Abstract. It is generally known that managed, drained peatlands act as carbon sources. In this study we examined how mitigation through the reduction of management and through rewetting may affect the greenhouse gas (GHG) emission and the carbon balance of intensively managed, drained, agricultural peatlands. Carbon and GHG balances were determined for three peatlands in the western part of the Netherlands from 2005 to 2008 by considering spatial and temporal variability of emissions (CO2, CH4 and N2O). One area (Oukoop) is an intensively managed grass-on-peatland, including a dairy farm, with the ground water level at an average annual depth of 0.55 m below the soil surface. The second area (Stein) is an extensively managed grass-on-peatland, formerly intensively managed, with a dynamic ground water level at an average annual depth of 0.45 m below the soil surface. The third area is an (since 1998) rewetted former agricultural peatland (Horstermeer), close to Oukoop and Stein, with the average annual ground water level at a depth of 0.2 m below the soil surface. During the measurement campaigns we found that both agriculturally managed sites acted as carbon and GHG sources but the rewetted agricultural peatland acted as a carbon and GHG sink. The terrestrial GHG source strength was 1.4 kg CO2-eq m−2 yr−1 for the intensively managed area and 1.0 kg CO2-eq m−2 yr−1 for the extensively managed area; the unmanaged area acted as a GHG sink of 0.7 kg CO2-eq m−2 yr−1. Water bodies contributed significantly to the terrestrial GHG balance because of a high release of CH4 and the loss of DOC only played a minor role.

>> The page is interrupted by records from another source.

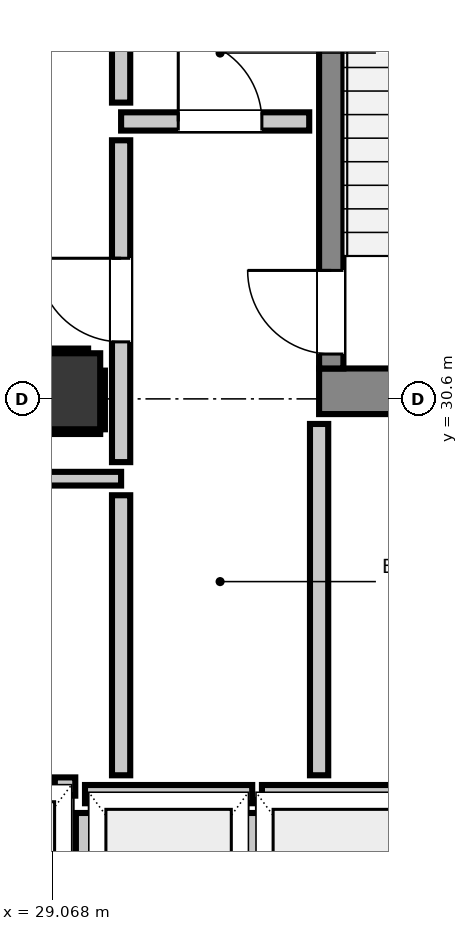
"""IFC4 building model, lengths in metres.
Left out: names, types, materials, properties, quantities, classifications, styles, units other than length and angle.
Written with IfcOpenShell. Run it as: python <this file> out.ifc"""

import sys

from ifc_helpers import new_model, si_unit, direction, frame, frame_2d, origin, origin_2d, place, context, subcontext, project, spatial, rectangle, extrude, element, fill, save


model = new_model("IFC4")
c1 = context("Model", 3, precision=1e-05, world=origin(), true_north=direction((0.0, 1.0)))
c2 = subcontext(c1, "Body", "Model", "MODEL_VIEW")
j1 = project(units=[si_unit("LENGTHUNIT", "METRE"), si_unit("PLANEANGLEUNIT", "RADIAN")], contexts=[c1])
p1 = place(None, origin())
s1 = spatial("IfcSite", under=j1, at=p1, CompositionType="ELEMENT")
p2 = place(p1, origin())
s2 = spatial("IfcBuilding", under=s1, at=p2, CompositionType="ELEMENT")
p3 = place(p2, frame((0.0, 0.0, 88.4)))
s3 = spatial("IfcBuildingStorey", under=s2, at=p3, CompositionType="ELEMENT", Elevation=88.4)
p4 = place(p3, frame((32.58, 30.7, 0.0), z_axis=(0.0, 0.0, 1.0), x_axis=(1.0, 0.0, 0.0)))
e1 = element("IfcWall", 1, at=p4, inside=s3, PredefinedType="SHEAR", context=c2, shape_type="SweptSolid", body=[
    extrude(rectangle(XDim=3.415, YDim=0.6, at=frame_2d((1.708, 0.0))), origin(), (0.0, 0.0, 1.0), 4.4),
])
p5 = place(p3, frame((32.74, 31.0, 0.0), z_axis=(0.0, 0.0, 1.0), x_axis=(0.0, 1.0, 0.0)))
e2 = element("IfcWall", 2, at=p5, inside=s3, PredefinedType="SHEAR", context=c2, shape_type="SweptSolid", body=[
    extrude(rectangle(XDim=7.8, YDim=0.32, at=frame_2d((3.9, 0.0))), origin(), (0.0, 0.0, 1.0), 4.4),
])
p6 = place(p5, frame((0.19, 0.0, 0.0)))
e3 = element("IfcOpeningElement", 3, at=p6, cuts=e2, PredefinedType="OPENING", context=c2, shape_type="SweptSolid", body=[
    extrude(rectangle(XDim=1.1, YDim=2.15, at=frame_2d((0.55, 1.075))), frame((0.0, 0.17, 0.0), z_axis=(0.0, -1.0, 0.0), x_axis=(1.0, 0.0, 0.0)), (0.0, 0.0, 1.0), 0.34),
])
p7 = place(p3, frame((29.2, 30.7, 0.0), z_axis=(0.0, 0.0, 1.0), x_axis=(1.0, 0.0, 0.0)))
e4 = element("IfcColumn", 4, at=p7, inside=s3, PredefinedType="COLUMN", context=c2, shape_type="SweptSolid", body=[
    extrude(rectangle(XDim=1.0, YDim=1.0, at=origin_2d()), origin(), (0.0, 0.0, 1.0), 4.4),
])
p8 = place(p3, frame((29.5, 25.4, 0.0), z_axis=(0.0, 0.0, 1.0), x_axis=(1.0, 0.0, 0.0)))
e5 = element("IfcWall", 5, at=p8, inside=s3, PredefinedType="PARTITIONING", context=c2, shape_type="SweptSolid", body=[
    extrude(rectangle(XDim=2.2, YDim=0.24, at=frame_2d((1.1, 0.0))), origin(), (0.0, 0.0, 1.0), 4.14),
])
p9 = place(p3, frame((29.5, 22.632, 0.0), z_axis=(0.0, 0.0, 1.0), x_axis=(0.0, 1.0, 0.0)))
e6 = element("IfcWall", 6, at=p9, inside=s3, PredefinedType="PARTITIONING", context=c2, shape_type="SweptSolid", body=[
    extrude(rectangle(XDim=2.52, YDim=0.24, at=frame_2d((1.26, 0.0))), origin(), (0.0, 0.0, 1.0), 3.375),
])
p10 = place(p3, frame((31.7, 22.63, 0.0), z_axis=(0.0, 0.0, 1.0), x_axis=(0.0, 1.0, 0.0)))
e7 = element("IfcWall", 7, at=p10, inside=s3, PredefinedType="PARTITIONING", context=c2, shape_type="SweptSolid", body=[
    extrude(rectangle(XDim=2.522, YDim=0.24, at=frame_2d((1.261, 0.0))), origin(), (0.0, 0.0, 1.0), 4.14),
])
p11 = place(p3, frame((31.828, 25.4, 0.0), z_axis=(0.0, 0.0, 1.0), x_axis=(1.0, 0.0, 0.0)))
e8 = element("IfcWall", 8, at=p11, inside=s3, PredefinedType="PARTITIONING", context=c2, shape_type="SweptSolid", body=[
    extrude(rectangle(XDim=2.072, YDim=0.24, at=frame_2d((1.036, 0.0))), origin(), (0.0, 0.0, 1.0), 4.14),
])
p12 = place(p3, frame((29.103, 25.5, 0.0), z_axis=(0.0, 0.0, 1.0), x_axis=(1.0, 0.0, 0.0)))
e9 = element("IfcWall", 9, at=p12, inside=s3, PredefinedType="PARTITIONING", context=c2, shape_type="SweptSolid", body=[
    extrude(rectangle(XDim=0.269, YDim=0.24, at=frame_2d((0.135, 0.0))), origin(), (0.0, 0.0, 1.0), 4.14),
])
p13 = place(p3, frame((29.975, 34.25, 0.0), z_axis=(0.0, 0.0, 1.0), x_axis=(1.0, 0.0, 0.0)))
e10 = element("IfcWall", 10, at=p13, inside=s3, PredefinedType="PARTITIONING", context=c2, shape_type="SweptSolid", body=[
    extrude(rectangle(XDim=2.475, YDim=0.24, at=frame_2d((1.237, 0.0))), origin(), (0.0, 0.0, 1.0), 4.14),
])
p14 = place(p13, frame((0.752, 0.0, 0.0)))
e11 = element("IfcOpeningElement", 11, at=p14, cuts=e10, PredefinedType="OPENING", context=c2, shape_type="SweptSolid", body=[
    extrude(rectangle(XDim=1.1, YDim=2.15, at=frame_2d((0.55, 1.075))), frame((0.0, 0.13, 0.0), z_axis=(0.0, -1.0, 0.0), x_axis=(1.0, 0.0, 0.0)), (0.0, 0.0, 1.0), 0.26),
])
p15 = place(p3, frame((20.65, 29.55, 0.0), z_axis=(0.0, 0.0, 1.0), x_axis=(1.0, 0.0, 0.0)))
e12 = element("IfcWall", 12, at=p15, inside=s3, PredefinedType="PARTITIONING", context=c2, shape_type="SweptSolid", body=[
    extrude(rectangle(XDim=9.325, YDim=0.18, at=frame_2d((4.663, 0.0))), origin(), (0.0, 0.0, 1.0), 4.14),
])
p16 = place(p3, frame((29.975, 25.648, 0.0), z_axis=(0.0, 0.0, 1.0), x_axis=(0.0, 1.0, 0.0)))
e13 = element("IfcWall", 13, at=p16, inside=s3, PredefinedType="PARTITIONING", context=c2, shape_type="SweptSolid", body=[
    extrude(rectangle(XDim=3.684, YDim=0.24, at=frame_2d((1.842, 0.0))), origin(), (0.0, 0.0, 1.0), 4.14),
])
p17 = place(p3, frame((29.975, 29.768, 0.0), z_axis=(0.0, 0.0, 1.0), x_axis=(0.0, 1.0, 0.0)))
e14 = element("IfcWall", 14, at=p17, inside=s3, PredefinedType="PARTITIONING", context=c2, shape_type="SweptSolid", body=[
    extrude(rectangle(XDim=4.234, YDim=0.24, at=frame_2d((2.117, 0.0))), origin(), (0.0, 0.0, 1.0), 4.14),
])
p18 = place(p17, frame((1.582, 0.0, 0.0)))
e15 = element("IfcOpeningElement", 15, at=p18, cuts=e14, PredefinedType="OPENING", context=c2, shape_type="SweptSolid", body=[
    extrude(rectangle(XDim=1.1, YDim=2.15, at=frame_2d((0.55, 1.075))), frame((0.0, 0.13, 0.0), z_axis=(0.0, -1.0, 0.0), x_axis=(1.0, 0.0, 0.0)), (0.0, 0.0, 1.0), 0.26),
])
p19 = place(p3, frame((29.975, 34.498, 0.0), z_axis=(0.0, 0.0, 1.0), x_axis=(0.0, 1.0, 0.0)))
e16 = element("IfcWall", 16, at=p19, inside=s3, PredefinedType="PARTITIONING", context=c2, shape_type="SweptSolid", body=[
    extrude(rectangle(XDim=0.924, YDim=0.24, at=frame_2d((0.462, 0.0))), origin(), (0.0, 0.0, 1.0), 4.14),
])
p20 = place(p3, frame((32.58, 25.648, 0.0), z_axis=(0.0, 0.0, 1.0), x_axis=(0.0, 1.0, 0.0)))
e17 = element("IfcWall", 17, at=p20, inside=s3, PredefinedType="PARTITIONING", context=c2, shape_type="SweptSolid", body=[
    extrude(rectangle(XDim=4.622, YDim=0.24, at=frame_2d((2.311, 0.0))), origin(), (0.0, 0.0, 1.0), 4.14),
])
p21 = place(p3, frame((28.7, 30.168, 0.0), z_axis=(0.0, 0.0, 1.0), x_axis=(1.0, 0.0, 0.0)))
e18 = element("IfcWall", 18, at=p21, inside=s3, PredefinedType="PARTITIONING", context=c2, shape_type="SweptSolid", body=[
    extrude(rectangle(XDim=1.0, YDim=0.06, at=frame_2d((0.5, 0.0))), origin(), (0.0, 0.0, 1.0), 1.45),
])
p22 = place(p3, frame((28.7, 31.232, 0.0), z_axis=(0.0, 0.0, 1.0), x_axis=(1.0, 0.0, 0.0)))
e19 = element("IfcWall", 19, at=p22, inside=s3, PredefinedType="PARTITIONING", context=c2, shape_type="SweptSolid", body=[
    extrude(rectangle(XDim=0.841, YDim=0.06, at=frame_2d((0.42, 0.0))), origin(), (0.0, 0.0, 1.0), 1.45),
])
p23 = place(p3, frame((29.732, 30.2, 0.0), z_axis=(0.0, 0.0, 1.0), x_axis=(0.0, 1.0, 0.0)))
e20 = element("IfcWall", 20, at=p23, inside=s3, PredefinedType="PARTITIONING", context=c2, shape_type="SweptSolid", body=[
    extrude(rectangle(XDim=0.772, YDim=0.06, at=frame_2d((0.386, 0.0))), origin(), (0.0, 0.0, 1.0), 1.45),
])
p24 = place(p6, origin())
e21 = element("IfcDoor", 21, at=p24, inside=s3, OperationType="SINGLE_SWING_RIGHT", PredefinedType="DOOR", context=c2, shape_type="SweptSolid", body=[
    extrude(rectangle(XDim=1.1, YDim=2.15, at=frame_2d((0.55, 1.075))), frame((0.0, 0.025, 0.0), z_axis=(0.0, -1.0, 0.0), x_axis=(1.0, 0.0, 0.0)), (0.0, 0.0, 1.0), 0.05),
])
fill(e3, e21)
p25 = place(p18, origin())
e22 = element("IfcDoor", 22, at=p25, inside=s3, OperationType="SINGLE_SWING_RIGHT", PredefinedType="DOOR", context=c2, shape_type="SweptSolid", body=[
    extrude(rectangle(XDim=1.1, YDim=2.15, at=frame_2d((0.55, 1.075))), frame((0.0, 0.025, 0.0), z_axis=(0.0, -1.0, 0.0), x_axis=(1.0, 0.0, 0.0)), (0.0, 0.0, 1.0), 0.05),
])
fill(e15, e22)
p26 = place(p14, origin())
e23 = element("IfcDoor", 23, at=p26, inside=s3, OperationType="SINGLE_SWING_LEFT", PredefinedType="DOOR", context=c2, shape_type="SweptSolid", body=[
    extrude(rectangle(XDim=1.1, YDim=2.15, at=frame_2d((0.55, 1.075))), frame((0.0, 0.025, 0.0), z_axis=(0.0, -1.0, 0.0), x_axis=(1.0, 0.0, 0.0)), (0.0, 0.0, 1.0), 0.05),
])
fill(e11, e23)
save(model, sys.argv[1])

Adding the farm-based CO2 and CH4 emissions increased the source strength for the managed sites to 2.7 kg CO2-eq m−2 yr−1 for Oukoop and 2.1 kg CO2-eq m−2 yr−1 for Stein. Shifting from intensively managed to extensively managed grass-on-peat reduced GHG emissions mainly because N2O emission and farm-based CH4 emissions decreased. Overall, this study suggests that managed peatlands are large sources of GHG and carbon, but, if appropriate measures are taken they can be turned back into GHG and carbon sinks within 15 yr of abandonment and rewetting.

Citation: Schrier-Uijl, A. P., Kroon, P. S., Hendriks, D. M. D., Hensen, A., Van Huissteden, J. C., Leffelaar, P. A., Berendse, F., and Veenendaal, E. M.: Agricultural peat lands; towards a greenhouse gas sink – a synthesis of a Dutch landscape study, Biogeosciences Discuss., 10, 9697-9738, doi:10.5194/bgd-10-9697-2013, 2013.